# aftermarket wheels for UrS6



## dubrmine (Aug 31, 2002)

Spring/Summer season is just around the corner and I was thinking of getting a set of wheels+tires for my S6. I'm looking for some inspiration, show my what you got http://****************.com/smile/emthup.gif


----------



## PerL (Jan 9, 2001)

*Re: aftermarket wheels for UrS6 (dubrmine)*

My friend has 18" ASA DD1 on his '96 S6 sedan.
















Personally, I would locate a set of the 18" Avus wheels from the UrS8.


----------



## dubrmine (Aug 31, 2002)

*Re: aftermarket wheels for UrS6 (PerL)*

Well, I do have a set of '00 S4 wheels that look very similar to S8 wheels, but was thinking of going some other direction...BBS maybe?


----------



## Harold (Jul 31, 2000)

*Re: aftermarket wheels for UrS6 (dubrmine)*

I have BBS RC's on mine for summer use, link in signature.


----------



## chris19 (Jul 22, 2003)

*Re: aftermarket wheels for UrS6 (PerL)*

What offset are on your friends S6 with the ASA rims?
Thanks


----------



## PerL (Jan 9, 2001)

*Re: aftermarket wheels for UrS6 (chris19)*


_Quote, originally posted by *chris19* »_What offset are on your friends S6 with the ASA rims?
Thanks

I dont know, Ill try to remember to ask him one day.
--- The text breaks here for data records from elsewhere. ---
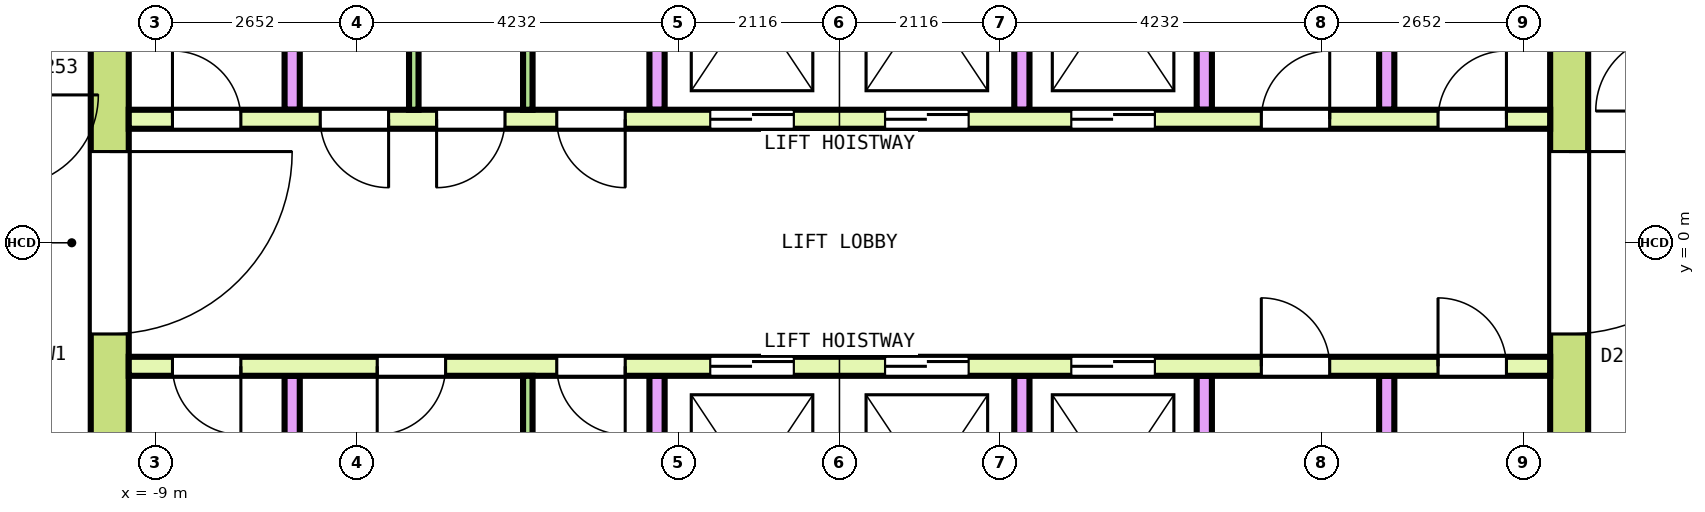
"""IFC4 building model, lengths in metres.
Left out: names, types, materials, properties, quantities, classifications, styles, units other than length and angle.
Written with IfcOpenShell. Run it as: python <this file> out.ifc"""

import sys

from ifc_helpers import new_model, si_unit, direction, frame, frame_2d, origin, place, context, subcontext, project, spatial, rectangle, extrude, element, fill, save


model = new_model("IFC4")
c1 = context("Model", 3, precision=1e-05, world=origin(), true_north=direction((0.0, 1.0)))
c2 = subcontext(c1, "Body", "Model", "MODEL_VIEW")
j1 = project(units=[si_unit("LENGTHUNIT", "METRE"), si_unit("PLANEANGLEUNIT", "RADIAN")], contexts=[c1])
p1 = place(None, origin())
s1 = spatial("IfcSite", under=j1, at=p1, CompositionType="ELEMENT")
p2 = place(p1, origin())
s2 = spatial("IfcBuilding", under=s1, at=p2, CompositionType="ELEMENT")
p3 = place(p2, frame((0.0, 0.0, 295.0)))
s3 = spatial("IfcBuildingStorey", under=s2, at=p3, CompositionType="ELEMENT", Elevation=295.0)
p4 = place(p3, frame((-9.6, -7.85, 0.0), z_axis=(0.0, 0.0, 1.0), x_axis=(0.0, 1.0, 0.0)))
e1 = element("IfcWall", 1, at=p4, inside=s3, PredefinedType="SHEAR", context=c2, shape_type="SweptSolid", body=[
    extrude(rectangle(XDim=15.7, YDim=0.5, at=frame_2d((7.85, 0.0))), origin(), (0.0, 0.0, 1.0), 3.7),
])
p5 = place(p4, frame((6.65, 0.0, 0.0)))
e2 = element("IfcOpeningElement", 2, at=p5, cuts=e1, PredefinedType="OPENING", context=c2, shape_type="SweptSolid", body=[
    extrude(rectangle(XDim=2.4, YDim=2.1, at=frame_2d((1.2, 1.05))), frame((0.0, 0.26, 0.0), z_axis=(0.0, -1.0, 0.0), x_axis=(1.0, 0.0, 0.0)), (0.0, 0.0, 1.0), 0.52),
])
p6 = place(p4, frame((13.55, 0.0, 0.0)))
e3 = element("IfcOpeningElement", 3, at=p6, cuts=e1, PredefinedType="OPENING", context=c2, shape_type="SweptSolid", body=[
    extrude(rectangle(XDim=1.2, YDim=2.1, at=frame_2d((0.6, 1.05))), frame((0.0, 0.26, 0.0), z_axis=(0.0, -1.0, 0.0), x_axis=(1.0, 0.0, 0.0)), (0.0, 0.0, 1.0), 0.52),
])
p7 = place(p4, frame((0.95, 0.0, 0.0)))
e4 = element("IfcOpeningElement", 4, at=p7, cuts=e1, PredefinedType="OPENING", context=c2, shape_type="SweptSolid", body=[
    extrude(rectangle(XDim=1.2, YDim=2.1, at=frame_2d((0.6, 1.05))), frame((0.0, 0.26, 0.0), z_axis=(0.0, -1.0, 0.0), x_axis=(1.0, 0.0, 0.0)), (0.0, 0.0, 1.0), 0.52),
])
p8 = place(p3, frame((9.6, -7.85, 0.0), z_axis=(0.0, 0.0, 1.0), x_axis=(0.0, 1.0, 0.0)))
e5 = element("IfcWall", 5, at=p8, inside=s3, PredefinedType="SHEAR", context=c2, shape_type="SweptSolid", body=[
    extrude(rectangle(XDim=15.7, YDim=0.5, at=frame_2d((7.85, 0.0))), origin(), (0.0, 0.0, 1.0), 3.7),
])
p9 = place(p8, frame((6.65, 0.0, 0.0)))
e6 = element("IfcOpeningElement", 6, at=p9, cuts=e5, PredefinedType="OPENING", context=c2, shape_type="SweptSolid", body=[
    extrude(rectangle(XDim=2.4, YDim=2.1, at=frame_2d((1.2, 1.05))), frame((0.0, 0.26, 0.0), z_axis=(0.0, -1.0, 0.0), x_axis=(1.0, 0.0, 0.0)), (0.0, 0.0, 1.0), 0.52),
])
p10 = place(p8, frame((13.55, 0.0, 0.0)))
e7 = element("IfcOpeningElement", 7, at=p10, cuts=e5, PredefinedType="OPENING", context=c2, shape_type="SweptSolid", body=[
    extrude(rectangle(XDim=1.2, YDim=2.1, at=frame_2d((0.6, 1.05))), frame((0.0, 0.26, 0.0), z_axis=(0.0, -1.0, 0.0), x_axis=(1.0, 0.0, 0.0)), (0.0, 0.0, 1.0), 0.52),
])
p11 = place(p8, frame((1.05, 0.0, 0.0)))
e8 = element("IfcOpeningElement", 8, at=p11, cuts=e5, PredefinedType="OPENING", context=c2, shape_type="SweptSolid", body=[
    extrude(rectangle(XDim=1.0, YDim=2.1, at=frame_2d((0.5, 1.05))), frame((0.0, 0.26, 0.0), z_axis=(0.0, -1.0, 0.0), x_axis=(1.0, 0.0, 0.0)), (0.0, 0.0, 1.0), 0.52),
])
p12 = place(p3, frame((-9.35, 1.625, 0.0), z_axis=(0.0, 0.0, 1.0), x_axis=(1.0, 0.0, 0.0)))
e9 = element("IfcWall", 9, at=p12, inside=s3, PredefinedType="SOLIDWALL", context=c2, shape_type="SweptSolid", body=[
    extrude(rectangle(XDim=18.7, YDim=0.25, at=frame_2d((9.35, 0.0))), origin(), (0.0, 0.0, 1.0), 3.7),
])
p13 = place(p12, frame((7.65, 0.0, 0.0)))
e10 = element("IfcOpeningElement", 10, at=p13, cuts=e9, PredefinedType="OPENING", context=c2, shape_type="SweptSolid", body=[
    extrude(rectangle(XDim=1.1, YDim=2.1, at=frame_2d((0.55, 1.05))), frame((0.0, 0.135, 0.0), z_axis=(0.0, -1.0, 0.0), x_axis=(1.0, 0.0, 0.0)), (0.0, 0.0, 1.0), 0.27),
])
p14 = place(p12, frame((9.95, 0.0, 0.0)))
e11 = element("IfcOpeningElement", 11, at=p14, cuts=e9, PredefinedType="OPENING", context=c2, shape_type="SweptSolid", body=[
    extrude(rectangle(XDim=1.1, YDim=2.1, at=frame_2d((0.55, 1.05))), frame((0.0, 0.135, 0.0), z_axis=(0.0, -1.0, 0.0), x_axis=(1.0, 0.0, 0.0)), (0.0, 0.0, 1.0), 0.27),
])
p15 = place(p12, frame((12.4, 0.0, 0.0)))
e12 = element("IfcOpeningElement", 12, at=p15, cuts=e9, PredefinedType="OPENING", context=c2, shape_type="SweptSolid", body=[
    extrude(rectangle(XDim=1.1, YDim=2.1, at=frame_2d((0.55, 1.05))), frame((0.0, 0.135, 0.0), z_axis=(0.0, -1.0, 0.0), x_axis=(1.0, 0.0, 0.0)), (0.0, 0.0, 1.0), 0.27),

I believe they are ET35.


----------



## dubrmine (Aug 31, 2002)

*Re: aftermarket wheels for UrS6 (Harold)*

anybody else?


----------



## Sepp (Dec 10, 2002)

*Re: aftermarket wheels for UrS6 (dubrmine)*

If you go to tirerack.com they have a virtual C4 A6. You can see any of the rims aval on the car


----------



## dubrmine (Aug 31, 2002)

*Re: aftermarket wheels for UrS6 (Sepp)*

yeah, I'm a frequent guest there, but was hoping people on here my have pics of their own rides with some nice wheels


----------



## Sepp (Dec 10, 2002)

*Re: aftermarket wheels for UrS6 (dubrmine)*

Sorry I can't help. I love my stock ronals.


----------



## yumyjagermiester (Sep 20, 2002)

*Re: aftermarket wheels for UrS6 (Sepp)*









18x8.5 ET35, BBS CH's


----------



## derracuda (Oct 22, 2004)

i got some HRE's for sale








http://forums.fourtitude.com/zerothread?id=3152626


----------



## thetatau87 (Aug 14, 2001)

*Re: aftermarket wheels for UrS6 (dubrmine)*

These are 17x8 ET35 BBS Moda Sport. They are NLA, but the BBS RC has a nearly identical spoke design. The difference is the center cap.



Link to more pics http://www.hostdub.com/thetatau87_album01

_Modified by thetatau87 at 4:46 PM 4-2-2007_


_Modified by thetatau87 at 4:48 PM 4-2-2007_


----------



## The Doc (Jun 23, 2004)

*Re: aftermarket wheels for UrS6 (thetatau87)*

Nice car, and very nice garage!
-David


----------



## TabulaVicious (Sep 15, 2004)

*Re: aftermarket wheels for UrS6 (The Doc)*

Here are mine:
B5 Passat 16" steel wheels.








BBS RK 17x8 + 255/40/17. Don't mind the brake dust.
















BBS RX 17x8 + 235/45/17


----------



## dubrmine (Aug 31, 2002)

*Re: aftermarket wheels for UrS6 (TabulaVicious)*

^^^sweet UrQuattro








Your car looks nice man http://****************.com/smile/emthup.gif What wing is that?
Any idea where to get those smoked tails? 
I've thinking about getting some BBS VZ maybe? I always liked them on my buddy's Jetta.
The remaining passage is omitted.